Coming out of the Apple store in London yesterday, I felt the same way. Having completed writing my new book, The CEO’s Strategy Handbook, I wanted to reward myself with a new iPad. The staff said that wasn’t possible. “Don’t you know that you should go on the website before 3.00 pm, register your name and the product you want so that you can pick it up the following day in store? We think that’s the fairest process.”
“Well, no, I didn’t know I had to follow that system,” I replied, “Can I have one now, please? I don’t’ live in London and won’t be back here for a few weeks.”
“No,” continued the completely unhelpful assistant, “You can order on-line, but it will probably take more than three weeks to be delivered.” And with that he shrugged his shoulders and fell silent. End of conversation.
Apple needs to be careful. Its reputation for great products is likely to remain, but if its customer service strategy is to physically and metaphorically shrug its shoulders and introduce byzantine product order and pick-up procedures then customers may start to vote with their feet and take their hard-earned cash elsewhere.
Of course, my attitude might change if, like the NHS, iPads were free at the point of delivery!

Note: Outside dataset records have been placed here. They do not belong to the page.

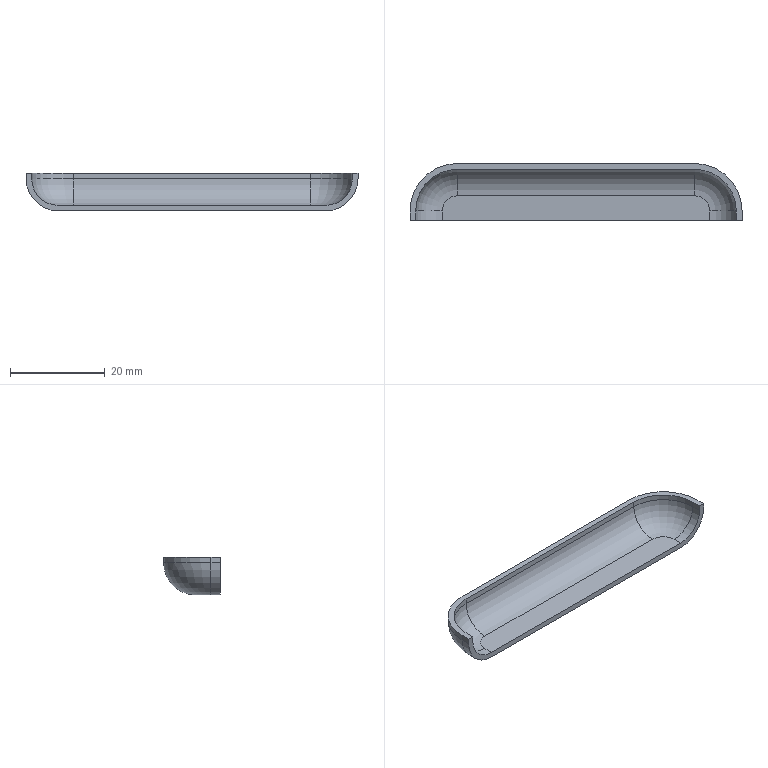Component | SolidWorks | LeftDoorPanelAssembly-1_LeftDoorPanelWeldment-1_LouverSupplement-12 | 1 solid | 24 faces | box 70 x 12 x 8 mm | volume 1361 mm3 | cylinder 10 | plane 10 | torus 4 | commonest cylinder face diameters 13.6 x3 11.2 x3 20 x2 17.6 x2
build123d program:
from build123d import *

# Parameters (mm, degrees)
BOSS_EXTRUDE1_DEPTH = 8
FILLET1_R           = 6.8
SHELL1_T            = -1.2


with BuildPart() as part:
    # Sketch1 → Boss-Extrude1 (new body)
    with BuildSketch(Plane.XY):
        with BuildLine():
            Line((-25, 12), (25, 12))
            ThreePointArc((25, 12), (32.071, 9.071), (35, 2))
            Line((35, 2), (35, 0))
            Line((35, 0), (-35, 0))
            Line((-35, 0), (-35, 2))
            ThreePointArc((-35, 2), (-32.071, 9.071), (-25, 12))
        make_face()
    extrude(amount=BOSS_EXTRUDE1_DEPTH)

    # Fillet1
    fillet1_edges = [part.edges().sort_by_distance(p)[0] for p in [
        (35, 1, 8),
        (32.071, 9.071, 8),
        (0, 12, 8),
        (-32.071, 9.071, 8),
        (-35, 1, 8),
    ]]
    fillet(fillet1_edges, radius=FILLET1_R)

    # Shell1
    shell1_openings = [part.faces().sort_by_distance(p)[0] for p in [
        (0, 0, 3.909),
        (0, 5.797, 0),
    ]]
    offset(amount=SHELL1_T, openings=shell1_openings, kind=Kind.INTERSECTION)


solid = part.part

# Placed as in the assembly
solid = solid.moved(Location((224.337, 24.042, -71.9), (-180, 0, 180)))
STEP:
#1=COLOUR_RGB('',0.7922,0.8196,0.9333);
#2=FILL_AREA_STYLE_COLOUR('',#1);
#3=FILL_AREA_STYLE('',(#2));
#4=SURFACE_STYLE_FILL_AREA(#3);
#5=SURFACE_SIDE_STYLE('',(#4));
#6=SURFACE_STYLE_USAGE(.BOTH.,#5);
#7=PRESENTATION_STYLE_ASSIGNMENT((#6));
#8=CARTESIAN_POINT('',(10.21,1.025,-2.878));
#9=VERTEX_POINT('',#8);
#10=CARTESIAN_POINT('',(10.21,1.025,-2.831));
#11=VERTEX_POINT('',#10);
#12=CARTESIAN_POINT('',(10.21,1.025,-3.146));
#13=DIRECTION('',(-0.,0.,1.));
#14=VECTOR('',#13,39.37);
#15=LINE('',#12,#14);
#16=EDGE_CURVE('',#9,#11,#15,.T.);
#17=ORIENTED_EDGE('',*,*,#16,.F.);
#18=CARTESIAN_POINT('',(9.816,1.419,-2.878));
#19=VERTEX_POINT('',#18);
#20=CARTESIAN_POINT('',(9.816,1.025,-2.878));
#21=DIRECTION('',(-0.,0.,1.));
#22=DIRECTION('',(-1.,-0.,-0.));
#23=AXIS2_PLACEMENT_3D('',#20,#21,#22);
#24=CIRCLE('',#23,0.3937);
#25=EDGE_CURVE('',#9,#19,#24,.T.);
#26=ORIENTED_EDGE('',*,*,#25,.T.);
#27=CARTESIAN_POINT('',(9.816,1.419,-2.831));
#28=VERTEX_POINT('',#27);
#29=CARTESIAN_POINT('',(9.816,1.419,-3.146));
#30=DIRECTION('',(-0.,0.,1.));
#31=VECTOR('',#30,39.37);
#32=LINE('',#29,#31);
#33=EDGE_CURVE('',#19,#28,#32,.T.);
#34=ORIENTED_EDGE('',*,*,#33,.T.);
#35=CARTESIAN_POINT('',(9.816,1.025,-2.831));
#36=DIRECTION('',(0.,-0.,-1.));
#37=DIRECTION('',(-1.,-0.,-0.));
#38=AXIS2_PLACEMENT_3D('',#35,#36,#37);
#39=CIRCLE('',#38,0.3937);
#40=EDGE_CURVE('',#28,#11,#39,.T.);
#41=ORIENTED_EDGE('',*,*,#40,.T.);
#42=EDGE_LOOP('',(#17,#26,#34,#41));
#43=FACE_OUTER_BOUND('',#42,.T.);
#44=CARTESIAN_POINT('',(9.816,1.025,-3.146));
#45=DIRECTION('',(-0.,0.,1.));
#46=DIRECTION('',(1.,0.,0.));
#47=AXIS2_PLACEMENT_3D('',#44,#45,#46);
#48=CYLINDRICAL_SURFACE('',#47,0.3937);
#49=ADVANCED_FACE('',(#43),#48,.T.);
#50=CARTESIAN_POINT('',(10.21,0.9465,-2.878));
#51=VERTEX_POINT('',#50);
#52=CARTESIAN_POINT('',(10.21,0.9465,-2.831));
#53=VERTEX_POINT('',#52);
#54=CARTESIAN_POINT('',(10.21,0.9465,-3.146));
#55=DIRECTION('',(-0.,0.,1.));
#56=VECTOR('',#55,39.37);
#57=LINE('',#54,#56);
#58=EDGE_CURVE('',#51,#53,#57,.T.);
#59=ORIENTED_EDGE('',*,*,#58,.F.);
#60=CARTESIAN_POINT('',(10.21,1.025,-2.878));
#61=DIRECTION('',(-0.,1.,-0.));
#62=VECTOR('',#61,39.37);
#63=LINE('',#60,#62);
#64=EDGE_CURVE('',#51,#9,#63,.T.);
#65=ORIENTED_EDGE('',*,*,#64,.T.);
#66=ORIENTED_EDGE('',*,*,#16,.T.);
#67=CARTESIAN_POINT('',(10.21,0.9465,-2.831));
#68=DIRECTION('',(0.,-1.,0.));
#69=VECTOR('',#68,39.37);
#70=LINE('',#67,#69);
#71=EDGE_CURVE('',#11,#53,#70,.T.);
#72=ORIENTED_EDGE('',*,*,#71,.T.);
#73=EDGE_LOOP('',(#59,#65,#66,#72));
#74=FACE_OUTER_BOUND('',#73,.T.);
#75=CARTESIAN_POINT('',(10.21,0.9465,-3.146));
#76=DIRECTION('',(-1.,-0.,-0.));
#77=DIRECTION('',(-0.,0.,1.));
#78=AXIS2_PLACEMENT_3D('',#75,#76,#77);
#79=PLANE('',#78);
#80=ADVANCED_FACE('',(#74),#79,.F.);
#81=CARTESIAN_POINT('',(7.501,0.9465,-2.878));
#82=VERTEX_POINT('',#81);
#83=CARTESIAN_POINT('',(7.722,0.9465,-3.098));
#84=VERTEX_POINT('',#83);
#85=CARTESIAN_POINT('',(7.722,0.9465,-2.878));
#86=DIRECTION('',(0.,-1.,0.));
#87=DIRECTION('',(0.,-0.,-1.));
#88=AXIS2_PLACEMENT_3D('',#85,#86,#87);
#89=CIRCLE('',#88,0.2205);
#90=EDGE_CURVE('',#82,#84,#89,.T.);
#91=ORIENTED_EDGE('',*,*,#90,.F.);
#92=CARTESIAN_POINT('',(7.501,0.9465,-2.831));
#93=VERTEX_POINT('',#92);
#94=CARTESIAN_POINT('',(7.501,0.9465,-3.146));
#95=DIRECTION('',(-0.,0.,1.));
#96=VECTOR('',#95,39.37);
#97=LINE('',#94,#96);
#98=EDGE_CURVE('',#82,#93,#97,.T.);
#99=ORIENTED_EDGE('',*,*,#98,.T.);
#100=CARTESIAN_POINT('',(7.454,0.9465,-2.831));
#101=VERTEX_POINT('',#100);
#102=CARTESIAN_POINT('',(10.21,0.9465,-2.831));
#103=DIRECTION('',(-1.,-0.,-0.));
#104=VECTOR('',#103,39.37);
#105=LINE('',#102,#104);
#106=EDGE_CURVE('',#93,#101,#105,.T.);
#107=ORIENTED_EDGE('',*,*,#106,.T.);
#108=CARTESIAN_POINT('',(7.454,0.9465,-2.878));
#109=VERTEX_POINT('',#108);
#110=CARTESIAN_POINT('',(7.454,0.9465,-3.146));
#111=DIRECTION('',(-0.,0.,1.));
#112=VECTOR('',#111,39.37);
#113=LINE('',#110,#112);
#114=EDGE_CURVE('',#109,#101,#113,.T.);
#115=ORIENTED_EDGE('',*,*,#114,.F.);
#116=CARTESIAN_POINT('',(7.722,0.9465,-3.146));
#117=VERTEX_POINT('',#116);
#118=CARTESIAN_POINT('',(7.722,0.9465,-2.878));
#119=DIRECTION('',(0.,-1.,0.));
#120=DIRECTION('',(0.,-0.,-1.));
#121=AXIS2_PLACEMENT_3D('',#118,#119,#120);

© Stuart Cross 2011. All rights reserved.
Hi Stuart
Lucy and I walked past the Apple Store two weeks ago when they were releasing the new ipad2 at 5pm and we were at 2pm and the queue was a joke so much so they were handing out tickets for the people to redeem when they got in the store (if ever!) that evening I spoke to a friends daughter who went into the Carphone warehouse or O2 I forget and bought one !! says it all!!
Kym.
Hi Kym, great to hear from you. All I wanted was just a bit of service, and I felt the people there were arrogant.